Just Three of Us

784 64 1
                                    

Kepalaku kembali terasa berat seperti pada mimpi sebelumnya. Perlahan kubuka mataku, dan benar saja aku kembali bermimpi hal mengerikan ini lagi. Baiklah, untuk kali ini aku akan mencoba mengendalikan situasi karena ini adalah mimpiku dan aku bisa merubahnya.

Orang itu mulai mengarahkan pisau bedahnya ke tubuhku. Aku mulai memberontak dan melepaskan ikatanku lalu memukul orang-orang ini. Siapa sangka jika yang kulakukan adalah sia-sia. Orang itu berhasil mendaratkan pisau bedahnya dan rasa sakit itu kembali menyebar. Aku sudah berusaha untuk menahan rasa sakit dan mencoba mengalihkan mimpiku namun tidak berhasil. Hal yang paling kuharapkan sekarang adalah aku segera terbangun.

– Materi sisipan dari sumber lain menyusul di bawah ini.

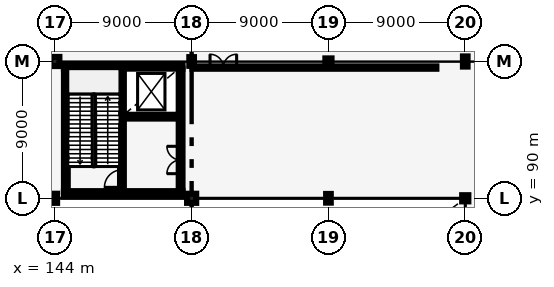
"""IFC4 building model, lengths in metres.
Left out: names, types, materials, properties, quantities, classifications, styles, units other than length and angle.
Written with IfcOpenShell. Run it as: python <this file> out.ifc"""

import sys

from ifc_helpers import new_model, si_unit, direction, frame, frame_2d, origin, origin_2d, place, context, subcontext, project, spatial, rectangle, hollow_circle, i_section, extrude, element, fill, save


model = new_model("IFC4")
c1 = context("Model", 3, precision=1e-05, world=origin(), true_north=direction((0.0, 1.0)))
c2 = subcontext(c1, "Body", "Model", "MODEL_VIEW")
j1 = project(units=[si_unit("LENGTHUNIT", "METRE"), si_unit("PLANEANGLEUNIT", "RADIAN")], contexts=[c1])
p1 = place(None, origin())
s1 = spatial("IfcSite", under=j1, at=p1, CompositionType="ELEMENT")
p2 = place(p1, origin())
s2 = spatial("IfcBuilding", under=s1, at=p2, CompositionType="ELEMENT")
p3 = place(p2, frame((0.0, 0.0, 6.0)))
s3 = spatial("IfcBuildingStorey", under=s2, at=p3, CompositionType="ELEMENT", Elevation=6.0)
p4 = place(p3, frame((144.0, 90.0, 0.0), z_axis=(0.0, 0.0, 1.0), x_axis=(1.0, 0.0, 0.0)))
e1 = element("IfcColumn", 1, at=p4, inside=s3, PredefinedType="COLUMN", context=c2, shape_type="SweptSolid", body=[
    extrude(i_section(OverallWidth=0.3, OverallDepth=0.6, WebThickness=0.015, FlangeThickness=0.03, FilletRadius=0.027, at=origin_2d()), origin(), (0.0, 0.0, 1.0), 6.0),
])
for number, where, z_axis, x_axis in (
    (2, (144.0, 99.0, 0.0), (0.0, 0.0, 1.0), (1.0, 0.0, 0.0)),
    (3, (153.0, 90.0, 0.0), (0.0, 0.0, 1.0), (1.0, 0.0, 0.0)),
):
    element("IfcColumn", number, at=place(p3, frame(where, z_axis=z_axis, x_axis=x_axis)), inside=s3, PredefinedType="COLUMN", context=c2, shape_type="SweptSolid", body=[
        extrude(rectangle(XDim=0.6, YDim=0.6, at=origin_2d()), origin(), (0.0, 0.0, 1.0), 6.0),
    ])
for number, where, z_axis, x_axis in (
    (4, (153.0, 99.0, 0.0), (0.0, 0.0, 1.0), (1.0, 0.0, 0.0)),
    (5, (162.0, 90.0, 0.0), (0.0, 0.0, 1.0), (1.0, 0.0, 0.0)),
):
    element("IfcColumn", number, at=place(p3, frame(where, z_axis=z_axis, x_axis=x_axis)), inside=s3, PredefinedType="COLUMN", context=c2, shape_type="SweptSolid", body=[
        extrude(i_section(OverallWidth=0.306, OverallDepth=0.572, WebThickness=0.021, FlangeThickness=0.04, FilletRadius=0.027, at=origin_2d()), origin(), (0.0, 0.0, 1.0), 6.0),
    ])
for number, where, z_axis, x_axis in (
    (6, (162.0, 99.0, 0.0), (0.0, 0.0, 1.0), (1.0, 0.0, 0.0)),
    (7, (171.0, 90.0, 0.0), (0.0, 0.0, 1.0), (1.0, 0.0, 0.0)),
):
    element("IfcColumn", number, at=place(p3, frame(where, z_axis=z_axis, x_axis=x_axis)), inside=s3, PredefinedType="COLUMN", context=c2, shape_type="SweptSolid", body=[
        extrude(hollow_circle(Radius=0.203, WallThickness=0.016, at=origin_2d()), origin(), (0.0, 0.0, 1.0), 6.0),
    ])
p5 = place(p3, frame((171.0, 99.0, 0.0), z_axis=(0.0, 0.0, 1.0), x_axis=(1.0, 0.0, 0.0)))
e8 = element("IfcColumn", 8, at=p5, inside=s3, PredefinedType="COLUMN", context=c2, shape_type="SweptSolid", body=[
    extrude(i_section(OverallWidth=0.305, OverallDepth=0.668, WebThickness=0.021, FlangeThickness=0.04, FilletRadius=0.027, at=origin_2d()), origin(), (0.0, 0.0, 1.0), 6.0),
])
p6 = place(p3, frame((144.725, 90.47, 0.0), z_axis=(0.0, 0.0, 1.0), x_axis=(0.0, 1.0, 0.0)))
e9 = element("IfcWall", 9, at=p6, inside=s3, PredefinedType="SHEAR", context=c2, shape_type="SweptSolid", body=[
    extrude(rectangle(XDim=8.06, YDim=0.25, at=frame_2d((4.03, 0.0))), origin(), (0.0, 0.0, 1.0), 5.64),
])
p7 = place(p3, frame((152.275, 90.47, 0.0), z_axis=(0.0, 0.0, 1.0), x_axis=(0.0, 1.0, 0.0)))
e10 = element("IfcWall", 10, at=p7, inside=s3, PredefinedType="SHEAR", context=c2, shape_type="SweptSolid", body=[
    extrude(rectangle(XDim=8.06, YDim=0.25, at=frame_2d((4.03, 0.0))), origin(), (0.0, 0.0, 1.0), 5.64),
])
p8 = place(p7, frame((1.15, 0.0, 0.0)))
e11 = element("IfcOpeningElement", 11, at=p8, cuts=e10, PredefinedType="OPENING", context=c2, shape_type="SweptSolid", body=[
    extrude(rectangle(XDim=1.8, YDim=2.2, at=frame_2d((0.9, 1.1))), frame((0.0, 0.135, 0.0), z_axis=(0.0, -1.0, 0.0), x_axis=(1.0, 0.0, 0.0)), (0.0, 0.0, 1.0), 0.27),
])
for number, where, z_axis, x_axis in (
    (12, (144.6, 90.345, 0.0), (0.0, 0.0, 1.0), (1.0, 0.0, 0.0)),
    (13, (144.6, 98.655, 0.0), (0.0, 0.0, 1.0), (1.0, 0.0, 0.0)),
):
    element("IfcWall", number, at=place(p3, frame(where, z_axis=z_axis, x_axis=x_axis)), inside=s3, PredefinedType="SHEAR", context=c2, shape_type="SweptSolid", body=[
        extrude(rectangle(XDim=7.8, YDim=0.25, at=frame_2d((3.9, 0.0))), origin(), (0.0, 0.0, 1.0), 5.64),
    ])
p9 = place(p3, frame((148.415, 90.47, 0.0), z_axis=(0.0, 0.0, 1.0), x_axis=(0.0, 1.0, 0.0)))
e14 = element("IfcWall", 14, at=p9, inside=s3, PredefinedType="SHEAR", context=c2, shape_type="SweptSolid", body=[
    extrude(rectangle(XDim=8.06, YDim=0.25, at=frame_2d((4.03, 0.0))), origin(), (0.0, 0.0, 1.0), 5.64),
])
p10 = place(p9, frame((0.25, 0.0, 0.0)))
e15 = element("IfcOpeningElement", 15, at=p10, cuts=e14, PredefinedType="OPENING", context=c2, shape_type="SweptSolid", body=[
    extrude(rectangle(XDim=1.15, YDim=2.15, at=frame_2d((0.575, 1.075))), frame((0.0, 0.135, 0.0), z_axis=(0.0, -1.0, 0.0), x_axis=(1.0, 0.0, 0.0)), (0.0, 0.0, 1.0), 0.27),
])
p11 = place(p3, frame((148.54, 95.37, 0.0), z_axis=(0.0, 0.0, 1.0), x_axis=(1.0, 0.0, 0.0)))
e16 = element("IfcWall", 16, at=p11, inside=s3, PredefinedType="SHEAR", context=c2, shape_type="SweptSolid", body=[
    extrude(rectangle(XDim=3.61, YDim=0.25, at=frame_2d((1.805, 0.0))), origin(), (0.0, 0.0, 1.0), 5.64),
])
p12 = place(p11, frame((0.95, 0.0, 0.0)))
e17 = element("IfcOpeningElement", 17, at=p12, cuts=e16, PredefinedType="OPENING", context=c2, shape_type="SweptSolid", body=[
    extrude(rectangle(XDim=1.2, YDim=2.2, at=frame_2d((0.6, 1.1))), frame((0.0, 0.135, 0.0), z_axis=(0.0, -1.0, 0.0), x_axis=(1.0, 0.0, 0.0)), (0.0, 0.0, 1.0), 0.27),
])
p13 = place(p3, frame((153.06, 98.6, 0.0), z_axis=(0.0, 0.0, 1.0), x_axis=(1.0, 0.0, 0.0)))
e18 = element("IfcWall", 18, at=p13, inside=s3, PredefinedType="PARTITIONING", context=c2, shape_type="SweptSolid", body=[
    extrude(rectangle(XDim=16.04, YDim=0.155, at=frame_2d((8.02, 0.0))), origin(), (0.0, 0.0, 1.0), 4.85),
])
p14 = place(p13, frame((1.15, 0.0, 0.0)))
e19 = element("IfcOpeningElement", 19, at=p14, cuts=e18, PredefinedType="OPENING", context=c2, shape_type="SweptSolid", body=[
    extrude(rectangle(XDim=1.75, YDim=2.3, at=frame_2d((0.875, 1.15))), frame((0.0, 0.087, 0.0), z_axis=(0.0, -1.0, 0.0), x_axis=(1.0, 0.0, 0.0)), (0.0, 0.0, 1.0), 0.175),
])
p15 = place(p10, origin())
e20 = element("IfcDoor", 20, at=p15, inside=s3, OperationType="SINGLE_SWING_LEFT", PredefinedType="DOOR", context=c2, shape_type="SweptSolid", body=[
    extrude(rectangle(XDim=1.15, YDim=2.15, at=frame_2d((0.575, 1.075))), frame((0.0, 0.025, 0.0), z_axis=(0.0, -1.0, 0.0), x_axis=(1.0, 0.0, 0.0)), (0.0, 0.0, 1.0), 0.05),
])
fill(e15, e20)
p16 = place(p12, origin())
e21 = element("IfcDoor", 21, at=p16, inside=s3, OperationType="DOUBLE_DOOR_SLIDING", PredefinedType="DOOR", context=c2, shape_type="SweptSolid", body=[
    extrude(rectangle(XDim=1.2, YDim=2.2, at=frame_2d((0.6, 1.1))), frame((0.0, 0.025, 0.0), z_axis=(0.0, -1.0, 0.0), x_axis=(1.0, 0.0, 0.0)), (0.0, 0.0, 1.0), 0.05),
])
fill(e17, e21)
p17 = place(p8, origin())
e22 = element("IfcDoor", 22, at=p17, inside=s3, OperationType="DOUBLE_DOOR_SINGLE_SWING", PredefinedType="DOOR", context=c2, shape_type="SweptSolid", body=[
    extrude(rectangle(XDim=1.8, YDim=2.2, at=frame_2d((0.9, 1.1))), frame((0.0, 0.025, 0.0), z_axis=(0.0, -1.0, 0.0), x_axis=(1.0, 0.0, 0.0)), (0.0, 0.0, 1.0), 0.05),
])
fill(e11, e22)
p18 = place(p14, origin())
e23 = element("IfcDoor", 23, at=p18, inside=s3, OperationType="DOUBLE_DOOR_SINGLE_SWING", PredefinedType="DOOR", context=c2, shape_type="SweptSolid", body=[
    extrude(rectangle(XDim=1.75, YDim=2.3, at=frame_2d((0.875, 1.15))), frame((0.0, 0.025, 0.0), z_axis=(0.0, -1.0, 0.0), x_axis=(1.0, 0.0, 0.0)), (0.0, 0.0, 1.0), 0.05),
])
fill(e19, e23)
save(model, sys.argv[1])

Baiklah, ini sudah rasa sakit yang paling klimaks dan lampu di atas sana akan segera pecah kemudian seseorang meneriakkan 'andwae'. Namun mimpi berkata lain. Lampu itu tidak jadi pecah dan cahayanya kembali stabil. Entah sampai kapan aku akan bertahan di tempat ini.

BRAK!

Dapat kudengar suara pintu yang dibuka secara paksa. Langkah kaki beberapa orang terdengar tergesa-gesa. Orang-orang disekitarku segera menghentikan aktivitasnya dan menoleh ke arah mereka.

"ANDWAE!"

Teriakan yang sama seperti sebelumnya. Namun kali ini suara itu sedikit tidak asing untukku. Dengan sekuat tenaga aku mencoba untuk bangkit dan melihat siapa orang tersebut, namun tubuhku benar-benar tidak bisa digerakkan.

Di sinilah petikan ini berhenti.